Estudante da UFSC participa de estudo que busca desenvolver medicamentos contra obesidade
A estudante do curso de Farmácia da Universidade Federal de Santa Catarina (UFSC) Milena dos Santos Almeida é coautora de uma pesquisa publicada na revista científica Nature. O estudo Dissociable hindbrain GLP1R circuits for satiety and aversion, ou Circuitos GLP1R dissociáveis do tronco encefálico para saciedade e aversão em português, investigou regiões do cérebro ligadas à saciedade e à aversão alimentar e revelou que estas áreas possuem funções separáveis na aplicação de fármacos.
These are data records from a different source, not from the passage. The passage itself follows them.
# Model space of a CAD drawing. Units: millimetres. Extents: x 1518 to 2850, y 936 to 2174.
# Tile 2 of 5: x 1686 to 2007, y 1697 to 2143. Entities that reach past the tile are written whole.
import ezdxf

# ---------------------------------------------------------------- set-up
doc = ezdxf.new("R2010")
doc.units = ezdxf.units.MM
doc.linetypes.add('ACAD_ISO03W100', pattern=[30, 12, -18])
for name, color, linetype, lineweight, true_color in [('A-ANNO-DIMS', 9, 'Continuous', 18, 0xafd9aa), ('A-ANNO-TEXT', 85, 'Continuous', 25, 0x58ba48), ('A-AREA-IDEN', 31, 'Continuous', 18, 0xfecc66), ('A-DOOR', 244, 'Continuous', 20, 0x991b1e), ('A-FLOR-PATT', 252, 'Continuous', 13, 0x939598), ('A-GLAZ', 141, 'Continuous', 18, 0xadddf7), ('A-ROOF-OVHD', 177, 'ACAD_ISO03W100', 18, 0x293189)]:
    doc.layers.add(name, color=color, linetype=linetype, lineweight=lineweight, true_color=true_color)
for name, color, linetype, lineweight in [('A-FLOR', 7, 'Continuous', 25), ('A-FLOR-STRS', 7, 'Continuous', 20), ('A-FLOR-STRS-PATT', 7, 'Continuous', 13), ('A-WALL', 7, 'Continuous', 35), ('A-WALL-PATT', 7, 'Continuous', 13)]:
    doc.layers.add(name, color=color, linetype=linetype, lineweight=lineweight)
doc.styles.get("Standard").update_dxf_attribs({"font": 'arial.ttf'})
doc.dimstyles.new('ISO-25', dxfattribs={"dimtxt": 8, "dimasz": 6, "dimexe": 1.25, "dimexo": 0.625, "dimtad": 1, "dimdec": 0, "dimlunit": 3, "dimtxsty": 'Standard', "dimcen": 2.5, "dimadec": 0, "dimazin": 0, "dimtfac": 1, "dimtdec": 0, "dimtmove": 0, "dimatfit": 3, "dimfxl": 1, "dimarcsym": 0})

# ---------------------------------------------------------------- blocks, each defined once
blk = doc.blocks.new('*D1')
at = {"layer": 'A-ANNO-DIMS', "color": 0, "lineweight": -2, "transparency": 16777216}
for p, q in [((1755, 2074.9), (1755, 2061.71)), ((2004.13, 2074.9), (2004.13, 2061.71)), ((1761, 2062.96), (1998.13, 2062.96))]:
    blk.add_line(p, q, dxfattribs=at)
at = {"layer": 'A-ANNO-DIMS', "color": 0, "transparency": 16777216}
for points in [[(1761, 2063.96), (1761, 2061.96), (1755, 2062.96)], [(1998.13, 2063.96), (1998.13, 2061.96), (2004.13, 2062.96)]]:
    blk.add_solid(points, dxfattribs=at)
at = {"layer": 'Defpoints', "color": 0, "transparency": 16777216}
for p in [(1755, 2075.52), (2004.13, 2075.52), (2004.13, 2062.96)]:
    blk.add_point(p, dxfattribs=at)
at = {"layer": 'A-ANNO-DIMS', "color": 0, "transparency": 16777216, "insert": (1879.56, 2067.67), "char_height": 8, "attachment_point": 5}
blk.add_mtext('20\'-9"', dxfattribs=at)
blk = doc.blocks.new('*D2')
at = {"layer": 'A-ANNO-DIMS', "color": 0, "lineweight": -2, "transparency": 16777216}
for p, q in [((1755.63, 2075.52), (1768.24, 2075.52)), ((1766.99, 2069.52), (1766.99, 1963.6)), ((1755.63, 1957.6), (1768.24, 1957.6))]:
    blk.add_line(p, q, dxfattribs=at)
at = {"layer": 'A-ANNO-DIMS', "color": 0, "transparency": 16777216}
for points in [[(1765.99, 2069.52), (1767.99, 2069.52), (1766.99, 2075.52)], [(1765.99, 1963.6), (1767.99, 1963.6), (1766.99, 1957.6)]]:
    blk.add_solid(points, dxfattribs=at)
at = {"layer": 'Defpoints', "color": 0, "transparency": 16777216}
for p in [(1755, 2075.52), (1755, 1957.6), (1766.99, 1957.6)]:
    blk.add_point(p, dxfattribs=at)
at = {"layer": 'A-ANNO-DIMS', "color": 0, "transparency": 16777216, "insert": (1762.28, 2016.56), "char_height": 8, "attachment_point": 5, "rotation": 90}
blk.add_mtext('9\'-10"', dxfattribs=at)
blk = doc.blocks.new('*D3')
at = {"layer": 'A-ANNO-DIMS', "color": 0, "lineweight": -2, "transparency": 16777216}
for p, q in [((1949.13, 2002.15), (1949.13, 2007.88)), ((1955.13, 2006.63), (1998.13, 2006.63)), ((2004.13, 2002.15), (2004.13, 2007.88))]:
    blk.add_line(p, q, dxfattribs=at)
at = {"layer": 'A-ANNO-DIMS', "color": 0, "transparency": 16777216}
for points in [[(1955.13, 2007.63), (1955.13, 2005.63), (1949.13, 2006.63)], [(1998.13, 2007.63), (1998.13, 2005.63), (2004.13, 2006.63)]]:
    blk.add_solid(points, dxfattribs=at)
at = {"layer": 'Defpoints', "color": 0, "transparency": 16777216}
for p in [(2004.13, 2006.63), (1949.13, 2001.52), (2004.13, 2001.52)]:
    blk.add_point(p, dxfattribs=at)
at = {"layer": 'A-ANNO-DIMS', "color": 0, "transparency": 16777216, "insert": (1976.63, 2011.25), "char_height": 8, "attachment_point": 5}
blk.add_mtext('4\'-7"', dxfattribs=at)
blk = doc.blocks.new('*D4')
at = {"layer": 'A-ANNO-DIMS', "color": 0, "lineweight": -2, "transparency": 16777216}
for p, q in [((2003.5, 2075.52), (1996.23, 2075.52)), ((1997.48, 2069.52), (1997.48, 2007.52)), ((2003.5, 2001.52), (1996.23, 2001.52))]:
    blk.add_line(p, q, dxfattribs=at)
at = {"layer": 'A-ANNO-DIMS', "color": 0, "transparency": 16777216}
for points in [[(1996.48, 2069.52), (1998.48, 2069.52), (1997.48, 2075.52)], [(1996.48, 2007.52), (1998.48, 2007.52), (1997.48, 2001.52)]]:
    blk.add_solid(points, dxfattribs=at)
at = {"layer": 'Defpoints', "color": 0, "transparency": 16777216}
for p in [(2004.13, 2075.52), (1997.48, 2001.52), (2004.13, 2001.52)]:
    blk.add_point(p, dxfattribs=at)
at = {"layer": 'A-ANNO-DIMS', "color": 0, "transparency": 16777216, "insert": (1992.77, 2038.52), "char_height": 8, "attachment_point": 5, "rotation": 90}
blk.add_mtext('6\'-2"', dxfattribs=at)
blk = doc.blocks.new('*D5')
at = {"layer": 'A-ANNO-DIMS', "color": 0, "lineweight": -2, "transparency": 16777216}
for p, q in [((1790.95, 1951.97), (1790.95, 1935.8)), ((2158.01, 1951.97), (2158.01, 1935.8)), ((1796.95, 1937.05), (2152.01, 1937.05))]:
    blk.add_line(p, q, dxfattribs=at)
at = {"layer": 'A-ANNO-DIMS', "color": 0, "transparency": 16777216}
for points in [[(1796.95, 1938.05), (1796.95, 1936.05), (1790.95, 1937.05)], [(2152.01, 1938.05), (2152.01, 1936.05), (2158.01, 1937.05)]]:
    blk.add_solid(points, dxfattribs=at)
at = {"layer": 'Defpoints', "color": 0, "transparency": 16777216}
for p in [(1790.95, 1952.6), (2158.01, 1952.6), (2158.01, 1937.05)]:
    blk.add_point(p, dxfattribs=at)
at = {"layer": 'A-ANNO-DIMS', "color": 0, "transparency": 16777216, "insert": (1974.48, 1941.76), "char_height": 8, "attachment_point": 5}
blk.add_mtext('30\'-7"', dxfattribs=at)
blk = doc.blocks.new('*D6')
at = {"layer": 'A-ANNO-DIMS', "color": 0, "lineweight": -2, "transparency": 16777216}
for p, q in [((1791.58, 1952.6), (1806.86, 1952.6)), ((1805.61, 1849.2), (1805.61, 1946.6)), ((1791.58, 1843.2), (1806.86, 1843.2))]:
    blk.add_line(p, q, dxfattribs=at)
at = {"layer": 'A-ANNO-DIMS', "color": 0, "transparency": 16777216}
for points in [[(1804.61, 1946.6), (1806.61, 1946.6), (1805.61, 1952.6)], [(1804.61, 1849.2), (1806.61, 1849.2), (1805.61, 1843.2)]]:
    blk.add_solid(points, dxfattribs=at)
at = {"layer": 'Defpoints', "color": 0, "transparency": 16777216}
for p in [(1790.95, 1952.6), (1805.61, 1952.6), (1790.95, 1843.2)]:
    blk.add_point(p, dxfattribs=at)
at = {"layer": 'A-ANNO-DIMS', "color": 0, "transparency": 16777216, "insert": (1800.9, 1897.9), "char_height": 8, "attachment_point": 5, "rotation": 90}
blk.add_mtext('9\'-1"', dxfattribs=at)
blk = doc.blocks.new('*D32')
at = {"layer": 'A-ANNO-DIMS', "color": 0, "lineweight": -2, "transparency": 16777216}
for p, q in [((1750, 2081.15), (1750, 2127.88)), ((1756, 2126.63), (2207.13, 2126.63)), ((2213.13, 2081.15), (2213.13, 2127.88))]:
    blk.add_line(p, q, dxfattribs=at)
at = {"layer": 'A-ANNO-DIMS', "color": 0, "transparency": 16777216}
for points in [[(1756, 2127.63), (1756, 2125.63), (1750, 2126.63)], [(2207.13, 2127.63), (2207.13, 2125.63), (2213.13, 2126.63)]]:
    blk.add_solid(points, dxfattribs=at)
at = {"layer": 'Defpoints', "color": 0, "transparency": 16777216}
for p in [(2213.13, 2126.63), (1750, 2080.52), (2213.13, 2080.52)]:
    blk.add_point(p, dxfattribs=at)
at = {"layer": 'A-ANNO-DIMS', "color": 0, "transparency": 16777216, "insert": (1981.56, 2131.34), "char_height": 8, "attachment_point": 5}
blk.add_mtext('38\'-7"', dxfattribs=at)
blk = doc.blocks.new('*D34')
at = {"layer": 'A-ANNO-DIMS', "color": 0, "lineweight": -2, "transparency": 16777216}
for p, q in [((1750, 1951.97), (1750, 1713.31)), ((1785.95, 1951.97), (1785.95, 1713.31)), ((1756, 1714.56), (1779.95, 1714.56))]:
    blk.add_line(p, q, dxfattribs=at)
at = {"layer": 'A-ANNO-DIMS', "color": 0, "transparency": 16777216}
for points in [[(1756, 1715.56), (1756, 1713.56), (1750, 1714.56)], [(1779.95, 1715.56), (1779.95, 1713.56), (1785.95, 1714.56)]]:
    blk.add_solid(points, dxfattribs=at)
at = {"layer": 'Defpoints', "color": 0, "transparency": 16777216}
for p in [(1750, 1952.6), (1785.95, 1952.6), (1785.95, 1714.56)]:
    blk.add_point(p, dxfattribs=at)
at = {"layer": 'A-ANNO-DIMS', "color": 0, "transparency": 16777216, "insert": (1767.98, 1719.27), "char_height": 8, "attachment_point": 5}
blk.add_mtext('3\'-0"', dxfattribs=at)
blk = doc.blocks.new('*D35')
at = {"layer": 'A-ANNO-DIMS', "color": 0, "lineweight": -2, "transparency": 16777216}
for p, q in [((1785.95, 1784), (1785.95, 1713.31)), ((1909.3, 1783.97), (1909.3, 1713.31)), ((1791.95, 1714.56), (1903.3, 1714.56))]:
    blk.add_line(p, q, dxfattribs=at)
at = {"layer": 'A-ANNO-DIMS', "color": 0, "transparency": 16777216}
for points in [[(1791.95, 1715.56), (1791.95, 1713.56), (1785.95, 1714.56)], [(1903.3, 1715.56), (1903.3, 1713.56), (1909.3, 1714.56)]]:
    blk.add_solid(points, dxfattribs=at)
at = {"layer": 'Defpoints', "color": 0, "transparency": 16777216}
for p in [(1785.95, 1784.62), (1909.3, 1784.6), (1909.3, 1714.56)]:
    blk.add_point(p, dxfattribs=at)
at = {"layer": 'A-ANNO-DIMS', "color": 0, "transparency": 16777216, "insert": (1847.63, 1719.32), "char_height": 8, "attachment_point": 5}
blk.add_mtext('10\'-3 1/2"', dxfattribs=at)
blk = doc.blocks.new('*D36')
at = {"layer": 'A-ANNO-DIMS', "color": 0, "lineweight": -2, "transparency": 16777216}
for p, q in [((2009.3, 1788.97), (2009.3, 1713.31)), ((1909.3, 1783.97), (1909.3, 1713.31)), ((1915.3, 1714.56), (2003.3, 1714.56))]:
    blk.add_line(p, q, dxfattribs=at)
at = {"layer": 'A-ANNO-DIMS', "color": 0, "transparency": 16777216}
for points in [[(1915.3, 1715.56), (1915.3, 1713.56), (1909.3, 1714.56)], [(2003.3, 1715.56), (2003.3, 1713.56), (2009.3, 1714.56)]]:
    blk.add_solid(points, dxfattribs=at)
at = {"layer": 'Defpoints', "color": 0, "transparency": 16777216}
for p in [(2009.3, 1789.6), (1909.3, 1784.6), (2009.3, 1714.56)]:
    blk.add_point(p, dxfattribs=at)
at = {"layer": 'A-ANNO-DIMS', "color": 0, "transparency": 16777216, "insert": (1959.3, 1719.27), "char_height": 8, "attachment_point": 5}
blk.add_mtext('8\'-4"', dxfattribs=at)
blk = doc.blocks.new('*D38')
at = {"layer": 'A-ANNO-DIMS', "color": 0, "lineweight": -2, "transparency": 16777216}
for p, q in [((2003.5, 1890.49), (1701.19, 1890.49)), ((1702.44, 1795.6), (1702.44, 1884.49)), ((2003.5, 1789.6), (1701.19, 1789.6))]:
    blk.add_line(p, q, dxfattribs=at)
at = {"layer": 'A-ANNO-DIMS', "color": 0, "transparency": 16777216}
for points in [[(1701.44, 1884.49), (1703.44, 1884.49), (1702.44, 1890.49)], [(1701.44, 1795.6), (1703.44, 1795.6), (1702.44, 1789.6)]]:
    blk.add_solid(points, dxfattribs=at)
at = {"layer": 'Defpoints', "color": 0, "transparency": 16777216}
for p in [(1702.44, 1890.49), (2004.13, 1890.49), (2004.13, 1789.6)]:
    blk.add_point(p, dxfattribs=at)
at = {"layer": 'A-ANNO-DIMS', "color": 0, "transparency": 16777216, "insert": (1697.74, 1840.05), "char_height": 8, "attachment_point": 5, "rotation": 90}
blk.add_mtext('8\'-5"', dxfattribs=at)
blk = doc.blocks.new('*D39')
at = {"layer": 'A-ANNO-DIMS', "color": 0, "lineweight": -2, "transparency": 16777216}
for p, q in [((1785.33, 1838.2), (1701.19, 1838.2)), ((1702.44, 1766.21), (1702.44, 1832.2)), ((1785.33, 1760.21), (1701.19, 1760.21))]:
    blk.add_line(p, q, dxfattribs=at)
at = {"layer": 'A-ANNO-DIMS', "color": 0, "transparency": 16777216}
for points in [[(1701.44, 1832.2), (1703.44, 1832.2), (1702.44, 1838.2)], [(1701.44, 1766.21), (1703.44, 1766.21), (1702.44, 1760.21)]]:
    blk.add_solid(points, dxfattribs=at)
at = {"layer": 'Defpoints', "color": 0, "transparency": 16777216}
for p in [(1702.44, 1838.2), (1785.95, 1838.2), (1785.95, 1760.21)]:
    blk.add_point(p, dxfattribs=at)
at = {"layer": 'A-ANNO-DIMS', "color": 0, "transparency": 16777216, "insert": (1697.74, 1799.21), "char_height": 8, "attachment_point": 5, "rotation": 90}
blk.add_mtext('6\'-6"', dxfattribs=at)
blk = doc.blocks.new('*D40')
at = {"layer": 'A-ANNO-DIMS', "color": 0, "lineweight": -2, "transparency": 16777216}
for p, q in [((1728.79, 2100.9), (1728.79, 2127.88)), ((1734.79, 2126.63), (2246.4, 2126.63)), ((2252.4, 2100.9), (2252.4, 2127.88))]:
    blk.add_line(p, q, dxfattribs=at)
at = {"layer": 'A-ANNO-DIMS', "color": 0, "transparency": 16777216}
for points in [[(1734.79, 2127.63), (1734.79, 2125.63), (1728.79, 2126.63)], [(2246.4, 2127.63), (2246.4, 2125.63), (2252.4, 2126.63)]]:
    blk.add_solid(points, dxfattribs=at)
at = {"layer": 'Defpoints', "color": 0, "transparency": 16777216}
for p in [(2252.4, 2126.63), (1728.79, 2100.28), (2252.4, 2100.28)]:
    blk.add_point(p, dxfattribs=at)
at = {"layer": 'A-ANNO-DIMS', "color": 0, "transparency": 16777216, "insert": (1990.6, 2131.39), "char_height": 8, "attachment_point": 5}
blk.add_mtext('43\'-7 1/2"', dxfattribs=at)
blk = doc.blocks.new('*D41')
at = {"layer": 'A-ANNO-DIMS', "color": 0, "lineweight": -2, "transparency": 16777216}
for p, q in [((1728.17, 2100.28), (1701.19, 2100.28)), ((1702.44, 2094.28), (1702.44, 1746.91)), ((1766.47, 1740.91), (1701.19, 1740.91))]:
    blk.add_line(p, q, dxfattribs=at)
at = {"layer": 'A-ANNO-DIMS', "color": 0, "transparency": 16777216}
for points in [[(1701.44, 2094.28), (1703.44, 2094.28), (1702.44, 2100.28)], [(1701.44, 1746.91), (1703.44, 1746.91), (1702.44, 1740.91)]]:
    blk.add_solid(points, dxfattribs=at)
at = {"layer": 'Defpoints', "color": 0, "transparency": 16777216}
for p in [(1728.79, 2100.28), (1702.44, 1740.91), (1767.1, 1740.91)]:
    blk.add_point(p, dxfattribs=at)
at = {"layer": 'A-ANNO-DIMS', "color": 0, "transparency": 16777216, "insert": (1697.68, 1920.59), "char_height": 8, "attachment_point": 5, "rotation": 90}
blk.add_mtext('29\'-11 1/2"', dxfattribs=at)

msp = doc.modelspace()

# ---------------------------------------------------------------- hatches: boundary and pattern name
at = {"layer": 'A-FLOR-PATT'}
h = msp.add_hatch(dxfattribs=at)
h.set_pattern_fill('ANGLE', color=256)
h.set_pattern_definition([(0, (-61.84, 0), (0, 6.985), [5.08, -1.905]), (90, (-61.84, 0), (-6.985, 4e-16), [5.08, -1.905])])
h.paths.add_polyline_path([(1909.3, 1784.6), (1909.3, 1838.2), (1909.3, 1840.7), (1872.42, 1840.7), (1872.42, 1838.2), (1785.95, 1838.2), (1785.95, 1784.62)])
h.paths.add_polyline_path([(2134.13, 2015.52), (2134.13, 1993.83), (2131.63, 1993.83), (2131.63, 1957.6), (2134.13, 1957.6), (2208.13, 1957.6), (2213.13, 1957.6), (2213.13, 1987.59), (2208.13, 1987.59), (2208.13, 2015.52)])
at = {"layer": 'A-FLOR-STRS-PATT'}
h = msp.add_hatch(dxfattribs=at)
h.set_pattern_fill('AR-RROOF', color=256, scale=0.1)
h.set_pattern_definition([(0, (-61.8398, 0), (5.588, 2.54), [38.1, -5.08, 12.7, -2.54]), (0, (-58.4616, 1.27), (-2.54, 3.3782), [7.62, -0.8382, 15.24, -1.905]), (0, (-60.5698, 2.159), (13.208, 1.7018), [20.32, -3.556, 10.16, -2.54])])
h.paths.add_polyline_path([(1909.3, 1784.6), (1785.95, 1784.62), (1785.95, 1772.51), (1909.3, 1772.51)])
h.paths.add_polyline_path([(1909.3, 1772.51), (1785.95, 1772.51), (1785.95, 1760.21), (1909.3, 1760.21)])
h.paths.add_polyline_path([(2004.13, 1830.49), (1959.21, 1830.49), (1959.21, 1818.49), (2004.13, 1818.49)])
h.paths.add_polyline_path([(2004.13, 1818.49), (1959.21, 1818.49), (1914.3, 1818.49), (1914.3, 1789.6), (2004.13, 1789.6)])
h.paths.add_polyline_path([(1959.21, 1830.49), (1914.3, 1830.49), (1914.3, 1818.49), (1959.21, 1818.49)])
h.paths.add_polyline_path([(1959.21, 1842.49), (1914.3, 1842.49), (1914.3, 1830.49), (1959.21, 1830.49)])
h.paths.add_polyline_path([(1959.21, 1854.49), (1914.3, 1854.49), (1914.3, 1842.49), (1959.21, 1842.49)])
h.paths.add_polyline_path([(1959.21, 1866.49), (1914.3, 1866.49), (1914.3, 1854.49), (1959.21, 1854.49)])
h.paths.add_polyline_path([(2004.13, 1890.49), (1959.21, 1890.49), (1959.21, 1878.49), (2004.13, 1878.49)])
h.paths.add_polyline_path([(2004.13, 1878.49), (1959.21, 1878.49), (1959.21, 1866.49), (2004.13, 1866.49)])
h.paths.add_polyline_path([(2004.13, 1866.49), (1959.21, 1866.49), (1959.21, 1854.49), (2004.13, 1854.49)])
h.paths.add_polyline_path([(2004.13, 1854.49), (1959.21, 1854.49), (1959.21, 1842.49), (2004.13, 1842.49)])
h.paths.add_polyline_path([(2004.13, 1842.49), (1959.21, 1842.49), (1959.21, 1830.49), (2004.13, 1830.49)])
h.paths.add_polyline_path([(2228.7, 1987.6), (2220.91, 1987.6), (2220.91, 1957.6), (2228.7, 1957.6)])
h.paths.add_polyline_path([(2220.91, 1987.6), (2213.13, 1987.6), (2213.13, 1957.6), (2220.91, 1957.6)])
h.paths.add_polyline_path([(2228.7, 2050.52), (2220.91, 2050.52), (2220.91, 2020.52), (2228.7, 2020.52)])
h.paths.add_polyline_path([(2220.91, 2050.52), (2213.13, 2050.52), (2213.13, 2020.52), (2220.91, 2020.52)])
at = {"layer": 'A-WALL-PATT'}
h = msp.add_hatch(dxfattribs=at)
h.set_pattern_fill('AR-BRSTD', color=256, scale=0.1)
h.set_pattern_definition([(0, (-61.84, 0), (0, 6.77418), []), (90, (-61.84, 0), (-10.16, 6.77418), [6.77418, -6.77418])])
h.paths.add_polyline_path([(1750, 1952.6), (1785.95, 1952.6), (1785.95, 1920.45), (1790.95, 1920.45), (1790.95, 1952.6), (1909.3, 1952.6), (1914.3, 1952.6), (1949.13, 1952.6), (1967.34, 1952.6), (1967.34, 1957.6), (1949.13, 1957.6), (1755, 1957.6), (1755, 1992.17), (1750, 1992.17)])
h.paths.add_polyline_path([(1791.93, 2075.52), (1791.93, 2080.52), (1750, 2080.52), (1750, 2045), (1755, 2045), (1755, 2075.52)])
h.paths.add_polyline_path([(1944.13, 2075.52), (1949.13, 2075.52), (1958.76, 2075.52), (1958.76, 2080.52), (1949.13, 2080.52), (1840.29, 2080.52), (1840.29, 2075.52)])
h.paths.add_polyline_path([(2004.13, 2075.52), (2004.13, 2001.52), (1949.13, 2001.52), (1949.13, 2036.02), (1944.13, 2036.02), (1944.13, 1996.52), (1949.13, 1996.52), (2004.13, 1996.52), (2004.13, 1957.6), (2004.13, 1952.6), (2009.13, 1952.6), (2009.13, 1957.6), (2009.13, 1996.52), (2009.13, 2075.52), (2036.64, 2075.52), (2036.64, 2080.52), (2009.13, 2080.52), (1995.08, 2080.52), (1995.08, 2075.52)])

A descoberta implica na possibilidade de desenvolvimento de novos medicamentos mais seguros e eficazes para a perda de peso, livres de sensação de náusea e vômito, efeitos colaterais comuns de remédios disponibilizados atualmente pela indústria farmacêutica, como Ozempic e Wegovy.
A pesquisa foi desenvolvida no Laboratório Alhadeff, coordenado pela professora Amber Alhadeff, no Monell Chemical Senses Center da Universidade da Pensilvânia (Upenn), nos Estados Unidos, e contou com a colaboração da professora Alice Adriaenssens da University College of London (UCL), de Londres, na Inglaterra.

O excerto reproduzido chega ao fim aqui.